Shares of the iShares MSCI Thailand Capped Investable Market Index Fund (NYSE:THD) are off more than three percent Friday and are flirting with their lowest levels in about six weeks on fears the country's recently approved $68 billion infrastructure spending bill could violate the Thai constitution along with rumors Prime Minister Yingluck Shinawatra could be indicted.
Earlier this week, Thailand's cabinet approved the $68 billion infrastructure plan, previously hailed as a potential boon to THD because the ETF allocates about 40 percent of its combined weight to sectors that would benefit from improved infrastructure such as energy, telecommunications and utilities.
The infrastructure programs includes billions to be spent on railroads, something the Southeast Asian nation is in desperate need of. The country is an export-driven economy and is located at the heart of the ASEAN region, yet has less than 4,000 kilometers of single-track railway.
Combine that with sub-par roads, and Thai exporters face significant logistical challenges just to get their products out of the country.

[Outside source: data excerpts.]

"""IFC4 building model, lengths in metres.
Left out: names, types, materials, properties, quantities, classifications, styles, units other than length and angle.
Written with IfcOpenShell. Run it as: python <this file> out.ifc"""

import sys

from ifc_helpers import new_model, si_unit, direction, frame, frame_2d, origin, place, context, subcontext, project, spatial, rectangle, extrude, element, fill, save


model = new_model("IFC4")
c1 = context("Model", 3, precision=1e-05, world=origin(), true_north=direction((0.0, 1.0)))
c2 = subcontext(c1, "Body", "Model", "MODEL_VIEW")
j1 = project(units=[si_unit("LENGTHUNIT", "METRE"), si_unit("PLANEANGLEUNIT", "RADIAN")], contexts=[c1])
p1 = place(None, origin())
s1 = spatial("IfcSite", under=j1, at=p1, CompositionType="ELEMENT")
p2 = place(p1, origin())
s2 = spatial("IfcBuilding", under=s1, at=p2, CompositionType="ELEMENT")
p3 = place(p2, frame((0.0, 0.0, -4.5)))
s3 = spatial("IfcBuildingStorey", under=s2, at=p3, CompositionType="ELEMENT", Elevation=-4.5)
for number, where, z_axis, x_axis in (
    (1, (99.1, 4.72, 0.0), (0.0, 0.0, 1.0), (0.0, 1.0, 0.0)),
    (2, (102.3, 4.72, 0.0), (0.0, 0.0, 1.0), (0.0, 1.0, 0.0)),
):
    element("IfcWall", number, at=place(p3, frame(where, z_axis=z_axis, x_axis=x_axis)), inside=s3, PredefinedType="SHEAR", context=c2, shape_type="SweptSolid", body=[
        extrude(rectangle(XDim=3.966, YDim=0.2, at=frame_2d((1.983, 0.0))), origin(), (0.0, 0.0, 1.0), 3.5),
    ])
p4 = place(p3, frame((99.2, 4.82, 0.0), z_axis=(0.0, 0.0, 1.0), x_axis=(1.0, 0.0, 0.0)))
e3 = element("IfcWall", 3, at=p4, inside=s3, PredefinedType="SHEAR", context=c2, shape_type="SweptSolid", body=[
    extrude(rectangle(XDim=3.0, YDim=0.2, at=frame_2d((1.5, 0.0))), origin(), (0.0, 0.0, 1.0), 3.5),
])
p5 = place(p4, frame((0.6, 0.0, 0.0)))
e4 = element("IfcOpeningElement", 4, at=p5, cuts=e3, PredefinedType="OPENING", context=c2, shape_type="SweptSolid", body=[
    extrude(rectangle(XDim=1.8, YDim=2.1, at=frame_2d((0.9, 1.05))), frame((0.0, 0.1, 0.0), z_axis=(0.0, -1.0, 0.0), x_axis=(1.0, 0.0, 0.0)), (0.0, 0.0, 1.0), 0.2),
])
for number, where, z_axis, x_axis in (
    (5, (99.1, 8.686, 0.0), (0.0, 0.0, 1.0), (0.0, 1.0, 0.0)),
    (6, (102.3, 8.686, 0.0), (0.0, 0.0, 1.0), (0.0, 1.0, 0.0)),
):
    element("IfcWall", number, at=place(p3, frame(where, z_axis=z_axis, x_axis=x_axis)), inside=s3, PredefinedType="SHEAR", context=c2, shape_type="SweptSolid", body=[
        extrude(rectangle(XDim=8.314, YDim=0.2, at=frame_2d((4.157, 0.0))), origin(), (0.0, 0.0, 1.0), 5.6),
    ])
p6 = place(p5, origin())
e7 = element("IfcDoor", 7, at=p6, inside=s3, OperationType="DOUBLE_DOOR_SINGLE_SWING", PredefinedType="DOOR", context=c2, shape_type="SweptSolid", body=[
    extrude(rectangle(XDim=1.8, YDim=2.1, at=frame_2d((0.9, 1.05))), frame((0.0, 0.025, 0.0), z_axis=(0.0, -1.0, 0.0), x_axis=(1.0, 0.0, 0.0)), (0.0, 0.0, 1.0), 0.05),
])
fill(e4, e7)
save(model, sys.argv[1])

Now, the infrastructure plan could be in jeopardy, and Shinawatra's job could be on the line, but for different reasons. Just 18 months into her term as Thailand's first female prime minister, Shinawatra is under fire for issuing a passport to her brother, former Prime Minister Thaskin Shinawatra. He served as prime minister from 2001 to 2006 before being overthrown in a military coup.
Thaskin's regime was toppled on charges of graft and corruption and he has been in self-exile for more than six years since. It is believed that Thaskin still holds sway over the Red Shirts, an anti-establishment group whose protests with the Yellow Shirts weighed on THD in three years ago.
In other words, Thaskin Shinawatra can be considered a polarizing figure in Thailand, but unfortunately for his sister and THD shareholders, Thaskin is not his sister's only problem.
The current prime minister is also under fire because of discrepancies in paperwork she submitted to the National Anti-Corruption Commission upon becoming prime minister.
At issue is the fact that her husband, Anusorn Amornchat, amassed a position of over 4 million shares in a Thai company called Ad Index before his wife became an obvious candidate for prime minister.
The prime minister said she made a loan to the company in 2006, though records indicate no such loans appear on the company's books until 2007. Ad Index is not one of THD's 92 holdings.
The loss of Yingluck as prime minister could have near-term consequences for THD, assuming the worst-case scenario plays out. Thailand already has a history of political volatility and THD has shown a penchant for adversely reacting to that volatility.
Additionally, it is worth remembering that many market participants wanted Yingluck to emerge victorious in 2011 because she was viewed as the pro-business candidate. Investors have been rewarded as THD was trading in the low $50s 18 months ago. On March 18, the ETF traded above $93.
THD's Friday decline has taken the ETF below its 50-day moving average and the ETF could fall another six or seven percent before finding next support, indicating the fund is at an important fundamental and technical juncture.